Aspen Words will welcome some of America’s leading authors — including Pulitzer Prize winners, New York Times best-sellers, and the US Poet Laureate — to the 21st Winter Words series, taking place January to April 2018. From a coming-of-age surf memoir to a new novel on the immigrant experience, their work represents distinctive voices and storytelling at its finest. If you can’t make it to Winter Words to hear them speak, you can still enjoy their writing.
William Finnegan
Literary cred: A staff writer for The New Yorker, Finnegan has reported from countries around the world on politics, race, war, organized crime, and other topics. He’s the author of five books, including a Pulitzer Prize-winning memoir, Barbarian Days: A Surfing Life.
Notable book: Barbarian Days chronicles Finnegan’s lifelong love of surfing, which began during his childhood in California and Hawaii in the 1950s and 1960s and eventually took him around the globe in search of perfect waves. The book topped President Barack Obama’s 2016 summer reading list.

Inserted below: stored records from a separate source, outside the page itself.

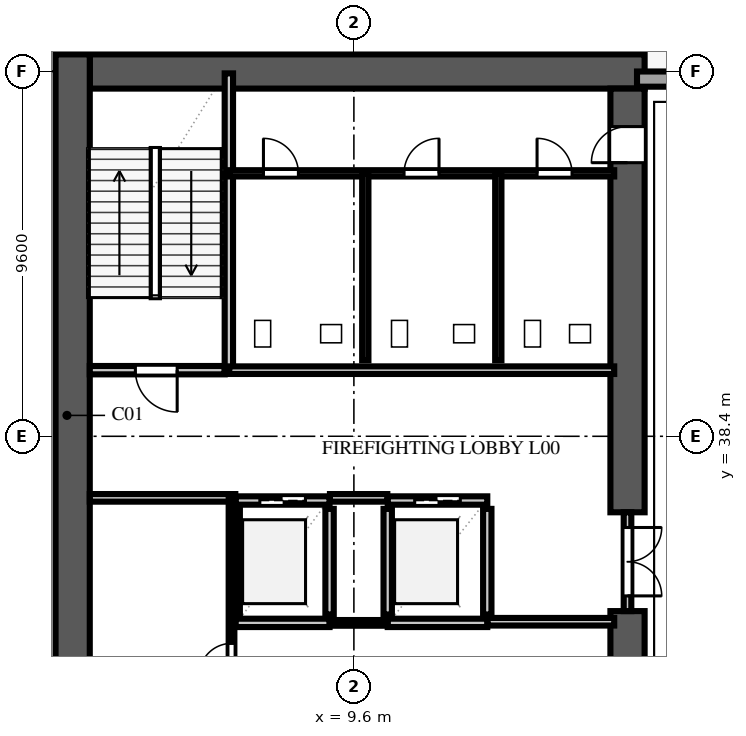
"""IFC4 building model, lengths in metres.
Left out: names, types, materials, properties, quantities, classifications, styles, units other than length and angle.
Written with IfcOpenShell. Run it as: python <this file> out.ifc"""

import sys

from ifc_helpers import new_model, si_unit, direction, frame, frame_2d, origin, place, context, subcontext, project, spatial, rectangle, extrude, element, fill, save


model = new_model("IFC4")
c1 = context("Model", 3, precision=1e-05, world=origin(), true_north=direction((0.0, 1.0)))
c2 = subcontext(c1, "Body", "Model", "MODEL_VIEW")
j1 = project(units=[si_unit("LENGTHUNIT", "METRE"), si_unit("PLANEANGLEUNIT", "RADIAN")], contexts=[c1])
p1 = place(None, origin())
s1 = spatial("IfcSite", under=j1, at=p1, CompositionType="ELEMENT")
p2 = place(p1, origin())
s2 = spatial("IfcBuilding", under=s1, at=p2, CompositionType="ELEMENT")
p3 = place(p2, origin())
s3 = spatial("IfcBuildingStorey", under=s2, at=p3, CompositionType="ELEMENT", Elevation=0.0)
p4 = place(p3, frame((2.65, 48.0, 0.0), z_axis=(0.0, 0.0, 1.0), x_axis=(1.0, 0.0, 0.0)))
e1 = element("IfcWall", 1, at=p4, inside=s3, PredefinedType="SHEAR", context=c2, shape_type="SweptSolid", body=[
    extrude(rectangle(XDim=14.6, YDim=0.9, at=frame_2d((7.3, 0.0))), origin(), (0.0, 0.0, 1.0), 4.86),
])
p5 = place(p3, frame((2.2, 9.15, 0.0), z_axis=(0.0, 0.0, 1.0), x_axis=(0.0, 1.0, 0.0)))
e2 = element("IfcWall", 2, at=p5, inside=s3, PredefinedType="SHEAR", context=c2, shape_type="SweptSolid", body=[
    extrude(rectangle(XDim=39.3, YDim=0.9, at=frame_2d((19.65, 0.0))), origin(), (0.0, 0.0, 1.0), 4.86),
])
p6 = place(p3, frame((16.8, 26.0, 0.0), z_axis=(0.0, 0.0, 1.0), x_axis=(0.0, 1.0, 0.0)))
e3 = element("IfcWall", 3, at=p6, inside=s3, PredefinedType="SHEAR", context=c2, shape_type="SweptSolid", body=[
    extrude(rectangle(XDim=7.8, YDim=0.9, at=frame_2d((3.9, 0.0))), origin(), (0.0, 0.0, 1.0), 4.86),
])
p7 = place(p3, frame((16.8, 36.4, 0.0), z_axis=(0.0, 0.0, 1.0), x_axis=(0.0, 1.0, 0.0)))
e4 = element("IfcWall", 4, at=p7, inside=s3, PredefinedType="SHEAR", context=c2, shape_type="SweptSolid", body=[
    extrude(rectangle(XDim=11.15, YDim=0.9, at=frame_2d((5.575, 0.0))), origin(), (0.0, 0.0, 1.0), 4.86),
])
p8 = place(p7, frame((9.2, 0.0, 0.0)))
e5 = element("IfcOpeningElement", 5, at=p8, cuts=e4, PredefinedType="OPENING", context=c2, shape_type="SweptSolid", body=[
    extrude(rectangle(XDim=0.95, YDim=2.15, at=frame_2d((0.475, 1.075))), frame((0.0, 0.462, 0.0), z_axis=(0.0, -1.0, 0.0), x_axis=(1.0, 0.0, 0.0)), (0.0, 0.0, 1.0), 0.924),
])
p9 = place(p3, frame((17.05, 47.8, 0.0), z_axis=(0.0, 0.0, 1.0), x_axis=(1.0, 0.0, 0.0)))
e6 = element("IfcWall", 6, at=p9, inside=s3, PredefinedType="SOLIDWALL", context=c2, shape_type="SweptSolid", body=[
    extrude(rectangle(XDim=1.35, YDim=0.4, at=frame_2d((0.675, 0.0))), origin(), (0.0, 0.0, 1.0), 4.86),
])
p10 = place(p3, frame((2.65, 40.14, 0.0), z_axis=(0.0, 0.0, 1.0), x_axis=(1.0, 0.0, 0.0)))
e7 = element("IfcWall", 7, at=p10, inside=s3, PredefinedType="SOLIDWALL", context=c2, shape_type="SweptSolid", body=[
    extrude(rectangle(XDim=3.55, YDim=0.22, at=frame_2d((1.775, 0.0))), origin(), (0.0, 0.0, 1.0), 4.86),
])
p11 = place(p10, frame((1.2, 0.0, 0.0)))
e8 = element("IfcOpeningElement", 8, at=p11, cuts=e7, PredefinedType="OPENING", context=c2, shape_type="SweptSolid", body=[
    extrude(rectangle(XDim=1.1, YDim=2.2, at=frame_2d((0.55, 1.1))), frame((0.0, 0.122, 0.0), z_axis=(0.0, -1.0, 0.0), x_axis=(1.0, 0.0, 0.0)), (0.0, 0.0, 1.0), 0.244),
])
p12 = place(p3, frame((6.31, 40.14, 0.0), z_axis=(0.0, 0.0, 1.0), x_axis=(0.0, 1.0, 0.0)))
e9 = element("IfcWall", 9, at=p12, inside=s3, PredefinedType="SOLIDWALL", context=c2, shape_type="SweptSolid", body=[
    extrude(rectangle(XDim=7.81, YDim=0.22, at=frame_2d((3.905, 0.0))), origin(), (0.0, 0.0, 1.0), 4.86),
])
for number, where, z_axis, x_axis in (
    (10, (6.49, 33.71, 0.0), (0.0, 0.0, 1.0), (0.0, 1.0, 0.0)),
    (11, (8.96, 33.71, 0.0), (0.0, 0.0, 1.0), (0.0, 1.0, 0.0)),
):
    element("IfcWall", number, at=place(p3, frame(where, z_axis=z_axis, x_axis=x_axis)), inside=s3, PredefinedType="SOLIDWALL", context=c2, shape_type="SweptSolid", body=[
        extrude(rectangle(XDim=2.78, YDim=0.22, at=frame_2d((1.39, 0.0))), origin(), (0.0, 0.0, 1.0), 4.86),
    ])
p13 = place(p3, frame((6.49, 33.49, 0.0), z_axis=(0.0, 0.0, 1.0), x_axis=(1.0, 0.0, 0.0)))
e12 = element("IfcWall", 12, at=p13, inside=s3, PredefinedType="SOLIDWALL", context=c2, shape_type="SweptSolid", body=[
    extrude(rectangle(XDim=2.47, YDim=0.22, at=frame_2d((1.235, 0.0))), origin(), (0.0, 0.0, 1.0), 4.86),
])
p14 = place(p3, frame((6.49, 36.71, 0.0), z_axis=(0.0, 0.0, 1.0), x_axis=(1.0, 0.0, 0.0)))
e13 = element("IfcWall", 13, at=p14, inside=s3, PredefinedType="SOLIDWALL", context=c2, shape_type="SweptSolid", body=[
    extrude(rectangle(XDim=2.47, YDim=0.22, at=frame_2d((1.235, 0.0))), origin(), (0.0, 0.0, 1.0), 4.86),
])
p15 = place(p14, frame((0.635, 0.0, 0.0)))
e14 = element("IfcOpeningElement", 14, at=p15, cuts=e13, PredefinedType="OPENING", context=c2, shape_type="SweptSolid", body=[
    extrude(rectangle(XDim=1.2, YDim=2.2, at=frame_2d((0.6, 1.1))), frame((0.0, 0.122, 0.0), z_axis=(0.0, -1.0, 0.0), x_axis=(1.0, 0.0, 0.0)), (0.0, 0.0, 1.0), 0.244),
])
for number, where, z_axis, x_axis in (
    (15, (10.49, 33.71, 0.0), (0.0, 0.0, 1.0), (0.0, 1.0, 0.0)),
    (16, (13.11, 33.71, 0.0), (0.0, 0.0, 1.0), (0.0, 1.0, 0.0)),
):
    element("IfcWall", number, at=place(p3, frame(where, z_axis=z_axis, x_axis=x_axis)), inside=s3, PredefinedType="SOLIDWALL", context=c2, shape_type="SweptSolid", body=[
        extrude(rectangle(XDim=2.78, YDim=0.22, at=frame_2d((1.39, 0.0))), origin(), (0.0, 0.0, 1.0), 4.86),
    ])
p16 = place(p3, frame((10.49, 33.49, 0.0), z_axis=(0.0, 0.0, 1.0), x_axis=(1.0, 0.0, 0.0)))
e17 = element("IfcWall", 17, at=p16, inside=s3, PredefinedType="SOLIDWALL", context=c2, shape_type="SweptSolid", body=[
    extrude(rectangle(XDim=2.62, YDim=0.22, at=frame_2d((1.31, 0.0))), origin(), (0.0, 0.0, 1.0), 4.86),
])
p17 = place(p3, frame((10.49, 36.71, 0.0), z_axis=(0.0, 0.0, 1.0), x_axis=(1.0, 0.0, 0.0)))
e18 = element("IfcWall", 18, at=p17, inside=s3, PredefinedType="SOLIDWALL", context=c2, shape_type="SweptSolid", body=[
    extrude(rectangle(XDim=2.62, YDim=0.22, at=frame_2d((1.31, 0.0))), origin(), (0.0, 0.0, 1.0), 4.86),
])
p18 = place(p17, frame((0.71, 0.0, 0.0)))
e19 = element("IfcOpeningElement", 19, at=p18, cuts=e18, PredefinedType="OPENING", context=c2, shape_type="SweptSolid", body=[
    extrude(rectangle(XDim=1.2, YDim=2.2, at=frame_2d((0.6, 1.1))), frame((0.0, 0.122, 0.0), z_axis=(0.0, -1.0, 0.0), x_axis=(1.0, 0.0, 0.0)), (0.0, 0.0, 1.0), 0.244),
])
p19 = place(p3, frame((2.65, 36.78, 0.0), z_axis=(0.0, 0.0, 1.0), x_axis=(1.0, 0.0, 0.0)))
e20 = element("IfcWall", 20, at=p19, inside=s3, PredefinedType="SOLIDWALL", context=c2, shape_type="SweptSolid", body=[
    extrude(rectangle(XDim=3.83, YDim=0.2, at=frame_2d((1.915, 0.0))), origin(), (0.0, 0.0, 1.0), 4.86),
])
p20 = place(p3, frame((8.97, 36.78, 0.0), z_axis=(0.0, 0.0, 1.0), x_axis=(1.0, 0.0, 0.0)))
e21 = element("IfcWall", 21, at=p20, inside=s3, PredefinedType="SOLIDWALL", context=c2, shape_type="SweptSolid", body=[
    extrude(rectangle(XDim=1.51, YDim=0.2, at=frame_2d((0.755, 0.0))), origin(), (0.0, 0.0, 1.0), 4.86),
])
p21 = place(p3, frame((13.12, 33.52, 0.0), z_axis=(0.0, 0.0, 1.0), x_axis=(1.0, 0.0, 0.0)))
e22 = element("IfcWall", 22, at=p21, inside=s3, PredefinedType="SOLIDWALL", context=c2, shape_type="SweptSolid", body=[
    extrude(rectangle(XDim=3.33, YDim=0.2, at=frame_2d((1.665, 0.0))), origin(), (0.0, 0.0, 1.0), 4.86),
])
p22 = place(p3, frame((6.32, 40.14, 0.0), z_axis=(0.0, 0.0, 1.0), x_axis=(1.0, 0.0, 0.0)))
e23 = element("IfcWall", 23, at=p22, inside=s3, PredefinedType="SOLIDWALL", context=c2, shape_type="SweptSolid", body=[
    extrude(rectangle(XDim=10.13, YDim=0.2, at=frame_2d((5.065, 0.0))), origin(), (0.0, 0.0, 1.0), 4.86),
])
p23 = place(p3, frame((16.8, 33.8, 0.0), z_axis=(0.0, 0.0, 1.0), x_axis=(0.0, 1.0, 0.0)))
e24 = element("IfcWall", 24, at=p23, inside=s3, PredefinedType="SOLIDWALL", context=c2, shape_type="SweptSolid", body=[
    extrude(rectangle(XDim=2.6, YDim=0.2, at=frame_2d((1.3, 0.0))), origin(), (0.0, 0.0, 1.0), 4.86),
])
p24 = place(p23, frame((0.4, 0.0, 0.0)))
e25 = element("IfcOpeningElement", 25, at=p24, cuts=e24, PredefinedType="OPENING", context=c2, shape_type="SweptSolid", body=[
    extrude(rectangle(XDim=1.8, YDim=2.2, at=frame_2d((0.9, 1.1))), frame((0.0, 0.112, 0.0), z_axis=(0.0, -1.0, 0.0), x_axis=(1.0, 0.0, 0.0)), (0.0, 0.0, 1.0), 0.224),
])
p25 = place(p3, frame((8.965, 33.49, 0.0), z_axis=(0.0, 0.0, 1.0), x_axis=(1.0, 0.0, 0.0)))
e26 = element("IfcWall", 26, at=p25, inside=s3, PredefinedType="PARTITIONING", context=c2, shape_type="SweptSolid", body=[
    extrude(rectangle(XDim=1.52, YDim=0.15, at=frame_2d((0.76, 0.0))), origin(), (0.0, 0.0, 1.0), 4.86),
])
p26 = place(p3, frame((6.38, 17.8, 0.0), z_axis=(0.0, 0.0, 1.0), x_axis=(0.0, 1.0, 0.0)))
e27 = element("IfcWall", 27, at=p26, inside=s3, PredefinedType="PARTITIONING", context=c2, shape_type="SweptSolid", body=[
    extrude(rectangle(XDim=18.98, YDim=0.15, at=frame_2d((9.49, 0.0))), origin(), (0.0, 0.0, 1.0), 4.86),
])
p27 = place(p26, frame((14.3, 0.0, 0.0)))
e28 = element("IfcOpeningElement", 28, at=p27, cuts=e27, PredefinedType="OPENING", context=c2, shape_type="SweptSolid", body=[
    extrude(rectangle(XDim=0.85, YDim=2.1, at=frame_2d((0.425, 1.05))), frame((0.0, 0.087, 0.0), z_axis=(0.0, -1.0, 0.0), x_axis=(1.0, 0.0, 0.0)), (0.0, 0.0, 1.0), 0.174),
])
p28 = place(p3, frame((6.32, 45.32, 0.0), z_axis=(0.0, 0.0, 1.0), x_axis=(1.0, 0.0, 0.0)))
e29 = element("IfcWall", 29, at=p28, inside=s3, PredefinedType="PLUMBINGWALL", context=c2, shape_type="SweptSolid", body=[
    extrude(rectangle(XDim=10.13, YDim=0.165, at=frame_2d((5.065, 0.0))), origin(), (0.0, 0.0, 1.0), 4.86),
])
p29 = place(p28, frame((0.9, 0.0, 0.0)))
e30 = element("IfcOpeningElement", 30, at=p29, cuts=e29, PredefinedType="OPENING", context=c2, shape_type="SweptSolid", body=[
    extrude(rectangle(XDim=0.92, YDim=2.15, at=frame_2d((0.46, 1.075))), frame((0.0, 0.094, 0.0), z_axis=(0.0, -1.0, 0.0), x_axis=(1.0, 0.0, 0.0)), (0.0, 0.0, 1.0), 0.189),
])
p30 = place(p28, frame((4.6, 0.0, 0.0)))
e31 = element("IfcOpeningElement", 31, at=p30, cuts=e29, PredefinedType="OPENING", context=c2, shape_type="SweptSolid", body=[
    extrude(rectangle(XDim=0.92, YDim=2.15, at=frame_2d((0.46, 1.075))), frame((0.0, 0.094, 0.0), z_axis=(0.0, -1.0, 0.0), x_axis=(1.0, 0.0, 0.0)), (0.0, 0.0, 1.0), 0.189),
])
p31 = place(p28, frame((8.1, 0.0, 0.0)))
e32 = element("IfcOpeningElement", 32, at=p31, cuts=e29, PredefinedType="OPENING", context=c2, shape_type="SweptSolid", body=[
    extrude(rectangle(XDim=0.92, YDim=2.15, at=frame_2d((0.46, 1.075))), frame((0.0, 0.094, 0.0), z_axis=(0.0, -1.0, 0.0), x_axis=(1.0, 0.0, 0.0)), (0.0, 0.0, 1.0), 0.189),
])
for number, where, z_axis, x_axis in (
    (33, (9.9, 40.4, 0.0), (0.0, 0.0, 1.0), (0.0, 1.0, 0.0)),
    (34, (13.4, 40.4, 0.0), (0.0, 0.0, 1.0), (0.0, 1.0, 0.0)),
):
    element("IfcWall", number, at=place(p3, frame(where, z_axis=z_axis, x_axis=x_axis)), inside=s3, PredefinedType="PLUMBINGWALL", context=c2, shape_type="SweptSolid", body=[
        extrude(rectangle(XDim=4.92, YDim=0.165, at=frame_2d((2.46, 0.0))), origin(), (0.0, 0.0, 1.0), 4.86),
    ])
p32 = place(p11, frame((1.1, 0.0, 0.0), z_axis=(0.0, 0.0, 1.0), x_axis=(-1.0, 0.0, 0.0)))
e35 = element("IfcDoor", 35, at=p32, inside=s3, OperationType="SINGLE_SWING_LEFT", PredefinedType="DOOR", context=c2, shape_type="SweptSolid", body=[
    extrude(rectangle(XDim=1.1, YDim=2.2, at=frame_2d((0.55, 1.1))), frame((0.0, 0.025, 0.0), z_axis=(0.0, -1.0, 0.0), x_axis=(1.0, 0.0, 0.0)), (0.0, 0.0, 1.0), 0.05),
])
fill(e8, e35)
p33 = place(p15, origin())
e36 = element("IfcDoor", 36, at=p33, inside=s3, OperationType="DOUBLE_DOOR_SLIDING", PredefinedType="DOOR", context=c2, shape_type="SweptSolid", body=[
    extrude(rectangle(XDim=1.2, YDim=2.2, at=frame_2d((0.6, 1.1))), frame((0.0, 0.025, 0.0), z_axis=(0.0, -1.0, 0.0), x_axis=(1.0, 0.0, 0.0)), (0.0, 0.0, 1.0), 0.05),
])
fill(e14, e36)
p34 = place(p18, origin())
e37 = element("IfcDoor", 37, at=p34, inside=s3, OperationType="DOUBLE_DOOR_SLIDING", PredefinedType="DOOR", context=c2, shape_type="SweptSolid", body=[
    extrude(rectangle(XDim=1.2, YDim=2.2, at=frame_2d((0.6, 1.1))), frame((0.0, 0.025, 0.0), z_axis=(0.0, -1.0, 0.0), x_axis=(1.0, 0.0, 0.0)), (0.0, 0.0, 1.0), 0.05),
])
fill(e19, e37)
p35 = place(p8, origin())
e38 = element("IfcDoor", 38, at=p35, inside=s3, OperationType="SINGLE_SWING_LEFT", PredefinedType="DOOR", context=c2, shape_type="SweptSolid", body=[
    extrude(rectangle(XDim=0.95, YDim=2.15, at=frame_2d((0.475, 1.075))), frame((0.0, 0.025, 0.0), z_axis=(0.0, -1.0, 0.0), x_axis=(1.0, 0.0, 0.0)), (0.0, 0.0, 1.0), 0.05),
])
fill(e5, e38)
p36 = place(p24, frame((1.8, 0.0, 0.0), z_axis=(0.0, 0.0, 1.0), x_axis=(-1.0, 0.0, 0.0)))
e39 = element("IfcDoor", 39, at=p36, inside=s3, OperationType="DOUBLE_DOOR_SINGLE_SWING", PredefinedType="DOOR", context=c2, shape_type="SweptSolid", body=[
    extrude(rectangle(XDim=1.8, YDim=2.2, at=frame_2d((0.9, 1.1))), frame((0.0, 0.025, 0.0), z_axis=(0.0, -1.0, 0.0), x_axis=(1.0, 0.0, 0.0)), (0.0, 0.0, 1.0), 0.05),
])
fill(e25, e39)
p37 = place(p27, origin())
e40 = element("IfcDoor", 40, at=p37, inside=s3, OperationType="SINGLE_SWING_LEFT", PredefinedType="DOOR", context=c2, shape_type="SweptSolid", body=[
    extrude(rectangle(XDim=0.85, YDim=2.1, at=frame_2d((0.425, 1.05))), frame((0.0, 0.025, 0.0), z_axis=(0.0, -1.0, 0.0), x_axis=(1.0, 0.0, 0.0)), (0.0, 0.0, 1.0), 0.05),
])
fill(e28, e40)
p38 = place(p29, origin())
e41 = element("IfcDoor", 41, at=p38, inside=s3, OperationType="SINGLE_SWING_LEFT", PredefinedType="DOOR", context=c2, shape_type="SweptSolid", body=[
    extrude(rectangle(XDim=0.92, YDim=2.15, at=frame_2d((0.46, 1.075))), frame((0.0, 0.025, 0.0), z_axis=(0.0, -1.0, 0.0), x_axis=(1.0, 0.0, 0.0)), (0.0, 0.0, 1.0), 0.05),
])
fill(e30, e41)
p39 = place(p30, origin())
e42 = element("IfcDoor", 42, at=p39, inside=s3, OperationType="SINGLE_SWING_RIGHT", PredefinedType="DOOR", context=c2, shape_type="SweptSolid", body=[
    extrude(rectangle(XDim=0.92, YDim=2.15, at=frame_2d((0.46, 1.075))), frame((0.0, 0.025, 0.0), z_axis=(0.0, -1.0, 0.0), x_axis=(1.0, 0.0, 0.0)), (0.0, 0.0, 1.0), 0.05),
])
fill(e31, e42)
p40 = place(p31, origin())
e43 = element("IfcDoor", 43, at=p40, inside=s3, OperationType="SINGLE_SWING_LEFT", PredefinedType="DOOR", context=c2, shape_type="SweptSolid", body=[
    extrude(rectangle(XDim=0.92, YDim=2.15, at=frame_2d((0.46, 1.075))), frame((0.0, 0.025, 0.0), z_axis=(0.0, -1.0, 0.0), x_axis=(1.0, 0.0, 0.0)), (0.0, 0.0, 1.0), 0.05),
])
fill(e32, e43)
save(model, sys.argv[1])

On writing about surfing for non-surfers: Barbarian Days is for “the general reader, who’s usually not a surfer,” Finnegan told Outside Online. “I try to ease people into the water, keep them oriented, introduce the terms of art without dumbing things down. Give readers a stake in every surf scene, not necessarily through the action, but through the characters, or through the character of the break — every spot is different…and some are Shakespearean, worth a book in themselves.”
Christina Baker Kline
Literary cred: Kline is the author of seven novels, including Orphan Train, a No. 1 New York Times best-seller that was published in 40 countries.
Notable book: A Piece of the World, published this year, is a fictionalized portrait of Christina Olson, the real-life inspiration for artist Andrew Wyeth’s famous 1948 painting “Christina’s World.”
On her Maine roots: Kline grew up in Maine, like Christina Olson, with parents who were “sort of counterculture in the 60s and 70s,” she told The Montclair Local. Her family lived on a small island there without running water, heat, or electricity. “We lived like she did, in this primitive way that was actually pretty livable,” Kline told the paper.
Alice McDermott
Literary cred: McDermott is the author of eight novels, including Charming Billy, winner of the National Book Award, and After This, At Weddings and Wakes, and That Night, all finalists for the Pulitzer Prize.
Notable book: Her latest novel, The Ninth Hour, published in 2017, is the story of an order of nuns and the people they serve in Irish-Catholic Brooklyn in the early 20th Century. The Boston Globe called the book “a tour de force.”
On nuns: In McDermott’s view, nuns have gotten a bad rap. “A lot of the stereotypes…[come] from writers looking at the nuns from 6-year-old eyes and from their childhood memories–that they were mean, they were scary, they screamed at us, that they said stupid things about not wearing patent leather shoes,” the author told The Baltimore Sun. “That childish point of view has corrupted our understanding of the good the nuns did– tremendous good–and of what an opportunity entering the convent presented for women at a certain time. The nuns weren’t all sadists. … They were ambitious women.”
Tracy K. Smith
Literary cred: Smith began her tenure as the 22nd U.S. Poet Laureate in fall 2017, and is the author of three books of poetry, including Life on Mars, which won the 2012 Pulitzer Prize.
Notable book: Her memoir, Ordinary Light, was published in 2015. Smith told Poets & Writers Magazine: “In writing this book, I was forced to speak about and into many of the silences that ran through my life: silence about race, silence about the painful features of African American history, silence about my own choice to turn away from or re-envision the religious faith I was raised in.”
Next up: Her latest collection of poems, Wade in the Water, will be released in April 2018.
Luis Alberto Urrea
Literary cred: Urrea was a Pulitzer Prize finalist for his work of nonfiction, The Devil’s Highway, and is the best-selling author of the novels The Hummingbird’s Daughter, Into the Beautiful North, and Queen of America, as well as the short story collection The Water Museum, a PEN/Faulkner Award finalist.
Notable Book: The Devil’s Highway is the true story of 26 men who tried to cross into the U.S. from Mexico. Only 12 of them survived. The Boston Globe said Urrea, who was born in Tijuana to a Mexican father and an American mother, “writes about US-Mexican border culture with a tragic and beautiful intimacy that has no equal.”
Next up: His next novel, The House of Broken Angels, will be published in March 2018.